Waarom ben ik er toch van overtuigd dat de aarde rond is? Eigenlijk omdat me dat van oudsher is verteld. Ik had als kind een globe op mijn bureau, ik leerde het op school en zag het in boeken en op tv. In discussie met een Flat Earther zou ik dan ook terugvallen op foto’s die vanuit de ruimte zijn gemaakt, of verslagen van wereldreizigers. Mijn beeld van de aarde is dus eerder een kwestie van geloof dan van objectieve kennis. Ik vermoed zelfs dat veel Flat Earthers hun standpunt grondiger kunnen onderbouwen dan ik.

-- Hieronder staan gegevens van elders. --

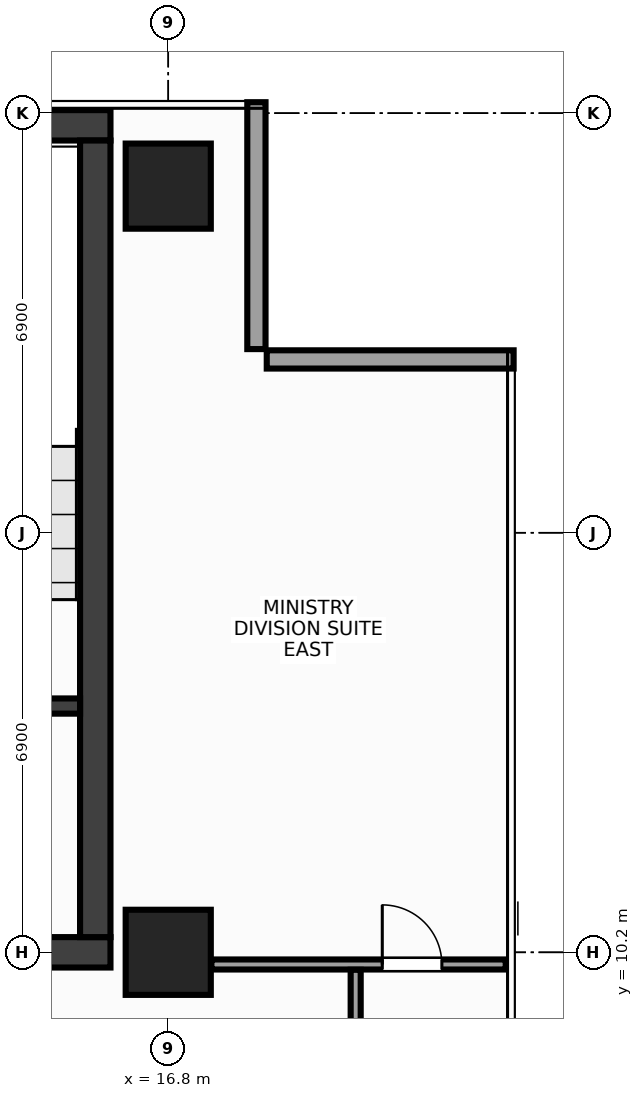
"""IFC4 building model, lengths in metres.
Left out: names, types, materials, properties, quantities, classifications, styles, units other than length and angle.
Written with IfcOpenShell. Run it as: python <this file> out.ifc"""

import sys

from ifc_helpers import new_model, si_unit, direction, frame, frame_2d, origin, origin_2d, place, context, subcontext, project, spatial, rectangle, extrude, source, transform, mapped, element, fill, save


model = new_model("IFC4")
c1 = context("Model", 3, precision=1e-05, world=origin(), true_north=direction((0.0, 1.0)))
c2 = subcontext(c1, "Body", "Model", "MODEL_VIEW")
j1 = project(units=[si_unit("LENGTHUNIT", "METRE"), si_unit("PLANEANGLEUNIT", "RADIAN")], contexts=[c1])
p1 = place(None, origin())
s1 = spatial("IfcSite", under=j1, at=p1, CompositionType="ELEMENT")
p2 = place(p1, origin())
s2 = spatial("IfcBuilding", under=s1, at=p2, CompositionType="ELEMENT")
p3 = place(p2, frame((0.0, 0.0, 261.2)))
s3 = spatial("IfcBuildingStorey", under=s2, at=p3, CompositionType="ELEMENT", Elevation=261.2)
m1 = source(origin(), c2, "Body", "SweptSolid", [
    extrude(rectangle(XDim=31.7, YDim=0.5, at=frame_2d((15.85, 0.0))), origin(), (0.0, 0.0, 1.0), 3.6),
])
p4 = place(p3, frame((-15.85, 23.8, 0.0), z_axis=(0.0, 0.0, 1.0), x_axis=(1.0, 0.0, 0.0)))
e1 = element("IfcWall", 1, at=p4, inside=s3, PredefinedType="SHEAR", context=c2, shape_type="MappedRepresentation", body=[
    mapped(m1, transform((0.0, 0.0, 0.0), x_axis=(1.0, 0.0, 0.0), y_axis=(0.0, 1.0, 0.0), z_axis=(0.0, 0.0, 1.0), scale=1.0)),
])
p5 = place(p3, frame((-15.85, 10.2, 0.0), z_axis=(0.0, 0.0, 1.0), x_axis=(1.0, 0.0, 0.0)))
e2 = element("IfcWall", 2, at=p5, inside=s3, PredefinedType="SHEAR", context=c2, shape_type="MappedRepresentation", body=[
    mapped(m1, transform((0.0, 0.0, 0.0), x_axis=(1.0, 0.0, 0.0), y_axis=(0.0, 1.0, 0.0), z_axis=(0.0, 0.0, 1.0), scale=1.0)),
])
p6 = place(p5, frame((1.7, 0.0, 0.0)))
e3 = element("IfcOpeningElement", 3, at=p6, cuts=e2, PredefinedType="OPENING", context=c2, shape_type="SweptSolid", body=[
    extrude(rectangle(XDim=1.6, YDim=2.15, at=frame_2d((0.8, 1.075))), frame((0.0, 0.262, 0.0), z_axis=(0.0, -1.0, 0.0), x_axis=(1.0, 0.0, 0.0)), (0.0, 0.0, 1.0), 0.524),
])
p7 = place(p5, frame((28.4, 0.0, 0.0)))
e4 = element("IfcOpeningElement", 4, at=p7, cuts=e2, PredefinedType="OPENING", context=c2, shape_type="SweptSolid", body=[
    extrude(rectangle(XDim=1.6, YDim=2.15, at=frame_2d((0.8, 1.075))), frame((0.0, 0.262, 0.0), z_axis=(0.0, -1.0, 0.0), x_axis=(1.0, 0.0, 0.0)), (0.0, 0.0, 1.0), 0.524),
])
p8 = place(p5, frame((15.1, 0.0, 0.0)))
e5 = element("IfcOpeningElement", 5, at=p8, cuts=e2, PredefinedType="OPENING", context=c2, shape_type="SweptSolid", body=[
    extrude(rectangle(XDim=1.5, YDim=2.2, at=frame_2d((0.75, 1.1))), frame((0.0, 0.262, 0.0), z_axis=(0.0, -1.0, 0.0), x_axis=(1.0, 0.0, 0.0)), (0.0, 0.0, 1.0), 0.524),
])
m2 = source(origin(), c2, "Body", "SweptSolid", [
    extrude(rectangle(XDim=13.1, YDim=0.5, at=frame_2d((6.55, 0.0))), origin(), (0.0, 0.0, 1.0), 3.6),
])
p9 = place(p3, frame((15.6, 10.45, 0.0), z_axis=(0.0, 0.0, 1.0), x_axis=(0.0, 1.0, 0.0)))
e6 = element("IfcWall", 6, at=p9, inside=s3, PredefinedType="SHEAR", context=c2, shape_type="MappedRepresentation", body=[
    mapped(m2, transform((0.0, 0.0, 0.0), x_axis=(1.0, 0.0, 0.0), y_axis=(0.0, 1.0, 0.0), z_axis=(0.0, 0.0, 1.0), scale=1.0)),
])
m3 = source(origin(), c2, "Body", "SweptSolid", [
    extrude(rectangle(XDim=3.705, YDim=0.25, at=frame_2d((1.853, 0.0))), origin(), (0.0, 0.0, 1.0), 3.6),
])
p10 = place(p3, frame((11.645, 14.25, 0.0), z_axis=(0.0, 0.0, 1.0), x_axis=(1.0, 0.0, 0.0)))
e7 = element("IfcWall", 7, at=p10, inside=s3, PredefinedType="SHEAR", context=c2, shape_type="MappedRepresentation", body=[
    mapped(m3, transform((0.0, 0.0, 0.0), x_axis=(1.0, 0.0, 0.0), y_axis=(0.0, 1.0, 0.0), z_axis=(0.0, 0.0, 1.0), scale=1.0)),
])
p11 = place(p10, frame((0.95, 0.0, 0.0)))
e8 = element("IfcOpeningElement", 8, at=p11, cuts=e7, PredefinedType="OPENING", context=c2, shape_type="SweptSolid", body=[
    extrude(rectangle(XDim=1.6, YDim=2.15, at=frame_2d((0.8, 1.075))), frame((0.0, 0.137, 0.0), z_axis=(0.0, -1.0, 0.0), x_axis=(1.0, 0.0, 0.0)), (0.0, 0.0, 1.0), 0.274),
])
m4 = source(origin(), c2, "Body", "SweptSolid", [
    extrude(rectangle(XDim=1.4, YDim=1.4, at=origin_2d()), origin(), (0.0, 0.0, 1.0), 3.6),
])
for number, where, z_axis, x_axis in (
    (9, (16.8, 10.2, 0.0), (0.0, 0.0, 1.0), (1.0, 0.0, 0.0)),
    (10, (16.8, 22.8, 0.0), (0.0, 0.0, 1.0), (1.0, 0.0, 0.0)),
):
    element("IfcColumn", number, at=place(p3, frame(where, z_axis=z_axis, x_axis=x_axis)), inside=s3, PredefinedType="COLUMN", context=c2, shape_type="MappedRepresentation", body=[
        mapped(m4, transform((0.0, 0.0, 0.0), x_axis=(1.0, 0.0, 0.0), y_axis=(0.0, 1.0, 0.0), z_axis=(0.0, 0.0, 1.0), scale=1.0)),
    ])
m5 = source(origin(), c2, "Body", "SweptSolid", [
    extrude(rectangle(XDim=4.06, YDim=0.3, at=frame_2d((2.03, 0.0))), origin(), (0.0, 0.0, 1.0), 2.75),
])
p12 = place(p3, frame((22.48, 19.95, 0.0), z_axis=(0.0, 0.0, 1.0), x_axis=(-1.0, 0.0, 0.0)))
e11 = element("IfcWall", 11, at=p12, inside=s3, PredefinedType="STANDARD", context=c2, shape_type="MappedRepresentation", body=[
    mapped(m5, transform((0.0, 0.0, 0.0), x_axis=(1.0, 0.0, 0.0), y_axis=(0.0, 1.0, 0.0), z_axis=(0.0, 0.0, 1.0), scale=1.0)),
])
m6 = source(origin(), c2, "Body", "SweptSolid", [
    extrude(rectangle(XDim=4.06, YDim=0.3, at=frame_2d((2.03, 0.0))), origin(), (0.0, 0.0, 1.0), 2.75),
])
p13 = place(p3, frame((18.25, 20.12, 0.0), z_axis=(0.0, 0.0, 1.0), x_axis=(0.0, 1.0, 0.0)))
e12 = element("IfcWall", 12, at=p13, inside=s3, PredefinedType="STANDARD", context=c2, shape_type="MappedRepresentation", body=[
    mapped(m6, transform((0.0, 0.0, 0.0), x_axis=(1.0, 0.0, 0.0), y_axis=(0.0, 1.0, 0.0), z_axis=(0.0, 0.0, 1.0), scale=1.0)),
])
m7 = source(origin(), c2, "Body", "SweptSolid", [
    extrude(rectangle(XDim=4.84, YDim=0.165, at=frame_2d((2.42, 0.0))), origin(), (0.0, 0.0, 1.0), 3.37),
])
p14 = place(p3, frame((17.51, 10.0, 0.0), z_axis=(0.0, 0.0, 1.0), x_axis=(1.0, 0.0, 0.0)))
e13 = element("IfcWall", 13, at=p14, inside=s3, PredefinedType="PARTITIONING", context=c2, shape_type="MappedRepresentation", body=[
    mapped(m7, transform((0.0, 0.0, 0.0), x_axis=(1.0, 0.0, 0.0), y_axis=(0.0, 1.0, 0.0), z_axis=(0.0, 0.0, 1.0), scale=1.0)),
])
p15 = place(p14, frame((2.81, 0.0, 0.0)))
e14 = element("IfcOpeningElement", 14, at=p15, cuts=e13, PredefinedType="OPENING", context=c2, shape_type="SweptSolid", body=[
    extrude(rectangle(XDim=0.98, YDim=2.15, at=frame_2d((0.49, 1.075))), frame((0.0, 0.094, 0.0), z_axis=(0.0, -1.0, 0.0), x_axis=(1.0, 0.0, 0.0)), (0.0, 0.0, 1.0), 0.189),
])
m8 = source(origin(), c2, "Body", "SweptSolid", [
    extrude(rectangle(XDim=2.108, YDim=0.165, at=frame_2d((1.054, 0.0))), origin(), (0.0, 0.0, 1.0), 3.37),
])
p16 = place(p3, frame((19.883, 7.805, 0.0), z_axis=(0.0, 0.0, 1.0), x_axis=(0.0, 1.0, 0.0)))
e15 = element("IfcWall", 15, at=p16, inside=s3, PredefinedType="PARTITIONING", context=c2, shape_type="MappedRepresentation", body=[
    mapped(m8, transform((0.0, 0.0, 0.0), x_axis=(1.0, 0.0, 0.0), y_axis=(0.0, 1.0, 0.0), z_axis=(0.0, 0.0, 1.0), scale=1.0)),
])
m9 = source(origin(), c2, "Body", "SweptSolid", [
    extrude(rectangle(XDim=0.98, YDim=2.15, at=frame_2d((0.49, 1.075))), frame((0.0, 0.025, 0.0), z_axis=(0.0, -1.0, 0.0), x_axis=(1.0, 0.0, 0.0)), (0.0, 0.0, 1.0), 0.05),
])
p17 = place(p15, origin())
e16 = element("IfcDoor", 16, at=p17, inside=s3, OperationType="SINGLE_SWING_LEFT", PredefinedType="DOOR", context=c2, shape_type="MappedRepresentation", body=[
    mapped(m9, transform((0.0, 0.0, 0.0), x_axis=(1.0, 0.0, 0.0), y_axis=(0.0, 1.0, 0.0), z_axis=(0.0, 0.0, 1.0), scale=1.0)),
])
fill(e14, e16)
save(model, sys.argv[1])

Hoe weten we dat de aarde rond is? Hoe bewijs je dat, zonder de ruimte in te gaan of de wereld rond te varen? Met behulp van wetenschapshistoricus Frans van Lunteren (Universiteit Leiden) zoek ik het antwoord op die vragen in de geschiedenis. Hij stelt me gerust dat ook wetenschappers hun kennis meestal niet kunnen onderbouwen. “Verreweg de meeste dingen weten wij domweg omdat wij vertrouwen hebben in onze informatiebronnen.”
Gekromd oppervlak
Veel mensen denken dat men tot en met de middeleeuwen geloofde dat de aarde plat was, maar dat is een fabeltje. Al in de vijfde eeuw voor Christus ontstond onder de pythagoreeërs, de aanhangers van een oud-Griekse filosofische stroming, het idee dat onze planeet bolvormig is. “Zij zagen de bolvorm als meest volmaakte vorm. Daarom moest de aarde die vorm hebben”, zegt Van Lunteren.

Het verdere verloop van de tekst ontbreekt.